In phylogenetics, we’re just doing the same exact thing as we’ve done above. Instead of P(state | cowboy hat) we have P(tree | sequence/phenotypic data). Tree space is a lot bigger than 4 states, it’s enormous, and the likelihoods are a bit trickier to calculate, but doable. What priors do we use in a Bayesian analysis? That’s a tricky question and the subject of much debate. Ideally, we’d use informative priors. In practice, people usually use software defaults. This is bad. Don’t do this. Learn about what priors mean. And when you review papers, make people 1) specify what priors they used for every parameter and 2) make people justify their use of those priors.

##Breast Cancer Testing## Why are you not recommended to get a mammogram until you’re under 40?

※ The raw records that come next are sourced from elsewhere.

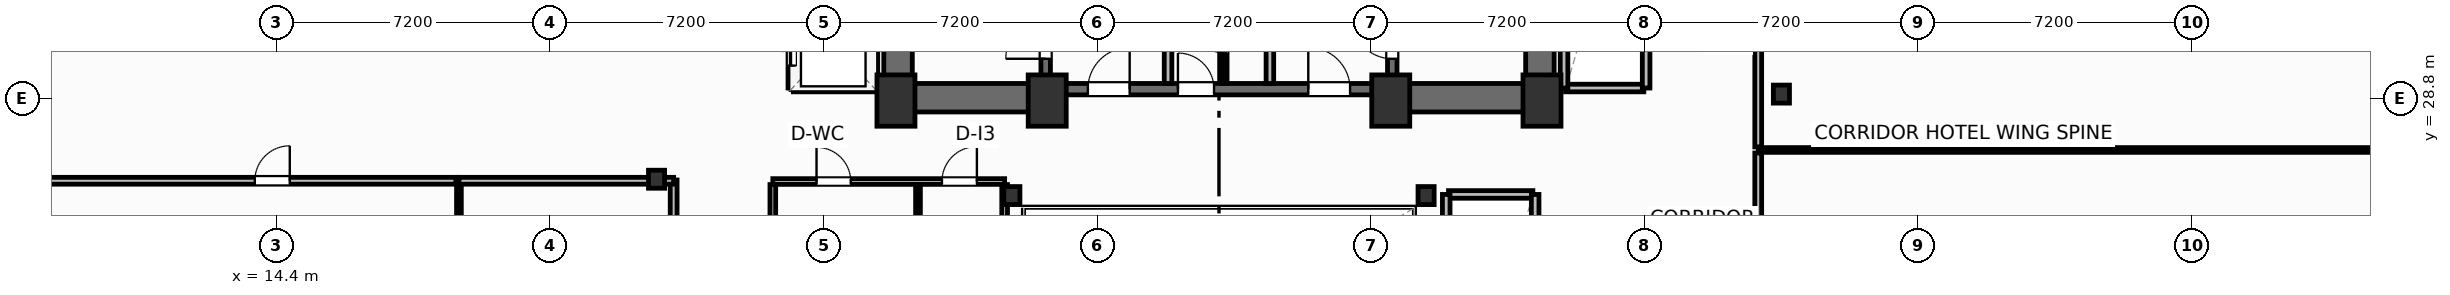
"""IFC4 building model, lengths in metres.
Left out: names, types, materials, properties, quantities, classifications, styles, units other than length and angle.
Written with IfcOpenShell. Run it as: python <this file> out.ifc"""

import sys

from ifc_helpers import new_model, si_unit, direction, frame, frame_2d, origin, origin_2d, place, context, subcontext, project, spatial, rectangle, i_section, extrude, element, fill, save


model = new_model("IFC4")
c1 = context("Model", 3, precision=1e-05, world=origin(), true_north=direction((0.0, 1.0)))
c2 = subcontext(c1, "Body", "Model", "MODEL_VIEW")
j1 = project(units=[si_unit("LENGTHUNIT", "METRE"), si_unit("PLANEANGLEUNIT", "RADIAN")], contexts=[c1])
p1 = place(None, origin())
s1 = spatial("IfcSite", under=j1, at=p1, CompositionType="ELEMENT")
p2 = place(p1, origin())
s2 = spatial("IfcBuilding", under=s1, at=p2, CompositionType="ELEMENT")
p3 = place(p2, frame((0.0, 0.0, 87.3)))
s3 = spatial("IfcBuildingStorey", under=s2, at=p3, CompositionType="ELEMENT", Elevation=87.3)
for number, where, z_axis, x_axis in (
    (1, (30.7, 28.75, 0.0), (0.0, 0.0, 1.0), (1.0, 0.0, 0.0)),
    (2, (34.68, 28.75, 0.0), (0.0, 0.0, 1.0), (1.0, 0.0, 0.0)),
    (3, (43.72, 28.75, 0.0), (0.0, 0.0, 1.0), (1.0, 0.0, 0.0)),
    (4, (47.7, 28.75, 0.0), (0.0, 0.0, 1.0), (1.0, 0.0, 0.0)),
):
    element("IfcColumn", number, at=place(p3, frame(where, z_axis=z_axis, x_axis=x_axis)), inside=s3, PredefinedType="COLUMN", context=c2, shape_type="SweptSolid", body=[
        extrude(rectangle(XDim=1.0, YDim=1.35, at=origin_2d()), origin(), (0.0, 0.0, 1.0), 3.7),
    ])
for number, where, z_axis, x_axis in (
    (5, (33.75, 26.25, 0.0), (0.0, 0.0, 1.0), (1.0, 0.0, 0.0)),
    (6, (44.65, 26.25, 0.0), (0.0, 0.0, 1.0), (1.0, 0.0, 0.0)),
    (7, (24.4, 26.68, 0.0), (0.0, 0.0, 1.0), (1.0, 0.0, 0.0)),
    (8, (54.0, 28.92, 0.0), (0.0, 0.0, 1.0), (1.0, 0.0, 0.0)),
):
    element("IfcColumn", number, at=place(p3, frame(where, z_axis=z_axis, x_axis=x_axis)), inside=s3, PredefinedType="COLUMN", context=c2, shape_type="SweptSolid", body=[
        extrude(i_section(OverallWidth=0.424, OverallDepth=0.474, WebThickness=0.048, FlangeThickness=0.077, FilletRadius=0.025, at=origin_2d()), origin(), (0.0, 0.0, 1.0), 3.7),
    ])
for number, where, z_axis, x_axis in (
    (9, (30.755, 29.2, 0.0), (0.0, 0.0, 1.0), (0.0, 1.0, 0.0)),
    (10, (47.645, 29.2, 0.0), (0.0, 0.0, 1.0), (0.0, 1.0, 0.0)),
):
    element("IfcWall", number, at=place(p3, frame(where, z_axis=z_axis, x_axis=x_axis)), inside=s3, PredefinedType="SHEAR", context=c2, shape_type="SweptSolid", body=[
        extrude(rectangle(XDim=9.22, YDim=0.75, at=frame_2d((4.61, 0.0))), origin(), (0.0, 0.0, 1.0), 3.45),
    ])
p4 = place(p3, frame((30.38, 28.825, 0.0), z_axis=(0.0, 0.0, 1.0), x_axis=(1.0, 0.0, 0.0)))
e11 = element("IfcWall", 11, at=p4, inside=s3, PredefinedType="SHEAR", context=c2, shape_type="SweptSolid", body=[
    extrude(rectangle(XDim=4.42, YDim=0.75, at=frame_2d((2.21, 0.0))), origin(), (0.0, 0.0, 1.0), 3.45),
])
p5 = place(p3, frame((43.6, 28.825, 0.0), z_axis=(0.0, 0.0, 1.0), x_axis=(1.0, 0.0, 0.0)))
e12 = element("IfcWall", 12, at=p5, inside=s3, PredefinedType="SHEAR", context=c2, shape_type="SweptSolid", body=[
    extrude(rectangle(XDim=4.42, YDim=0.75, at=frame_2d((2.21, 0.0))), origin(), (0.0, 0.0, 1.0), 3.45),
])
p6 = place(p3, frame((34.8, 29.05, 0.0), z_axis=(0.0, 0.0, 1.0), x_axis=(1.0, 0.0, 0.0)))
e13 = element("IfcWall", 13, at=p6, inside=s3, PredefinedType="SHEAR", context=c2, shape_type="SweptSolid", body=[
    extrude(rectangle(XDim=8.8, YDim=0.3, at=frame_2d((4.4, 0.0))), origin(), (0.0, 0.0, 1.0), 3.45),
])
p7 = place(p6, frame((0.95, 0.0, 0.0)))
e14 = element("IfcOpeningElement", 14, at=p7, cuts=e13, PredefinedType="OPENING", context=c2, shape_type="SweptSolid", body=[
    extrude(rectangle(XDim=1.1, YDim=2.15, at=frame_2d((0.55, 1.075))), frame((0.0, 0.16, 0.0), z_axis=(0.0, -1.0, 0.0), x_axis=(1.0, 0.0, 0.0)), (0.0, 0.0, 1.0), 0.32),
])
p8 = place(p6, frame((6.75, 0.0, 0.0)))
e15 = element("IfcOpeningElement", 15, at=p8, cuts=e13, PredefinedType="OPENING", context=c2, shape_type="SweptSolid", body=[
    extrude(rectangle(XDim=1.1, YDim=2.15, at=frame_2d((0.55, 1.075))), frame((0.0, 0.16, 0.0), z_axis=(0.0, -1.0, 0.0), x_axis=(1.0, 0.0, 0.0)), (0.0, 0.0, 1.0), 0.32),
])
p9 = place(p6, frame((3.32, 0.0, 0.0)))
e16 = element("IfcOpeningElement", 16, at=p9, cuts=e13, PredefinedType="OPENING", context=c2, shape_type="SweptSolid", body=[
    extrude(rectangle(XDim=0.95, YDim=2.15, at=frame_2d((0.475, 1.075))), frame((0.0, 0.16, 0.0), z_axis=(0.0, -1.0, 0.0), x_axis=(1.0, 0.0, 0.0)), (0.0, 0.0, 1.0), 0.32),
])
p10 = place(p3, frame((34.64, 29.2, 0.0), z_axis=(0.0, 0.0, 1.0), x_axis=(0.0, 1.0, 0.0)))
e17 = element("IfcWall", 17, at=p10, inside=s3, PredefinedType="SHEAR", context=c2, shape_type="SweptSolid", body=[
    extrude(rectangle(XDim=9.22, YDim=0.25, at=frame_2d((4.61, 0.0))), origin(), (0.0, 0.0, 1.0), 3.45),
])
p11 = place(p10, frame((0.65, 0.0, 0.0)))
e18 = element("IfcOpeningElement", 18, at=p11, cuts=e17, PredefinedType="OPENING", context=c2, shape_type="SweptSolid", body=[
    extrude(rectangle(XDim=1.05, YDim=2.15, at=frame_2d((0.525, 1.075))), frame((0.0, 0.135, 0.0), z_axis=(0.0, -1.0, 0.0), x_axis=(1.0, 0.0, 0.0)), (0.0, 0.0, 1.0), 0.27),
])
p12 = place(p3, frame((43.76, 29.2, 0.0), z_axis=(0.0, 0.0, 1.0), x_axis=(0.0, 1.0, 0.0)))
e19 = element("IfcWall", 19, at=p12, inside=s3, PredefinedType="SHEAR", context=c2, shape_type="SweptSolid", body=[
    extrude(rectangle(XDim=9.22, YDim=0.25, at=frame_2d((4.61, 0.0))), origin(), (0.0, 0.0, 1.0), 3.45),
])
p13 = place(p12, frame((0.65, 0.0, 0.0)))
e20 = element("IfcOpeningElement", 20, at=p13, cuts=e19, PredefinedType="OPENING", context=c2, shape_type="SweptSolid", body=[
    extrude(rectangle(XDim=1.05, YDim=2.15, at=frame_2d((0.525, 1.075))), frame((0.0, 0.135, 0.0), z_axis=(0.0, -1.0, 0.0), x_axis=(1.0, 0.0, 0.0)), (0.0, 0.0, 1.0), 0.27),
])
p14 = place(p3, frame((-0.094, 26.64, 0.0), z_axis=(0.0, 0.0, 1.0), x_axis=(1.0, 0.0, 0.0)))
e21 = element("IfcWall", 21, at=p14, inside=s3, PredefinedType="PARTITIONING", context=c2, shape_type="SweptSolid", body=[
    extrude(rectangle(XDim=19.214, YDim=0.18, at=frame_2d((9.607, 0.0))), origin(), (0.0, 0.0, 1.0), 3.45),
])
p15 = place(p14, frame((13.923, 0.0, 0.0)))
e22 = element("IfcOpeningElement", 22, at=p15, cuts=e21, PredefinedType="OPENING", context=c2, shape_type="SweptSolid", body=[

Research on breast cancer has determined the following statistics (I don’t think these are actually accurate, but they convey the idea):

1% of women have breast cancer 99% of mammograms detect breast cancer when breast cancer is present 2% of mammograms detect breast cancer when breast cancer IS ABSENT

Imagine you received a positive mammogram test stating that breast cancer is detected. How worried should you be?

Make a statement using conditional probability that represents the probability you want to determine.

Then use Bayes’ Formula to determine that conditional probability. Compare to the answer from Maximum Likelihood.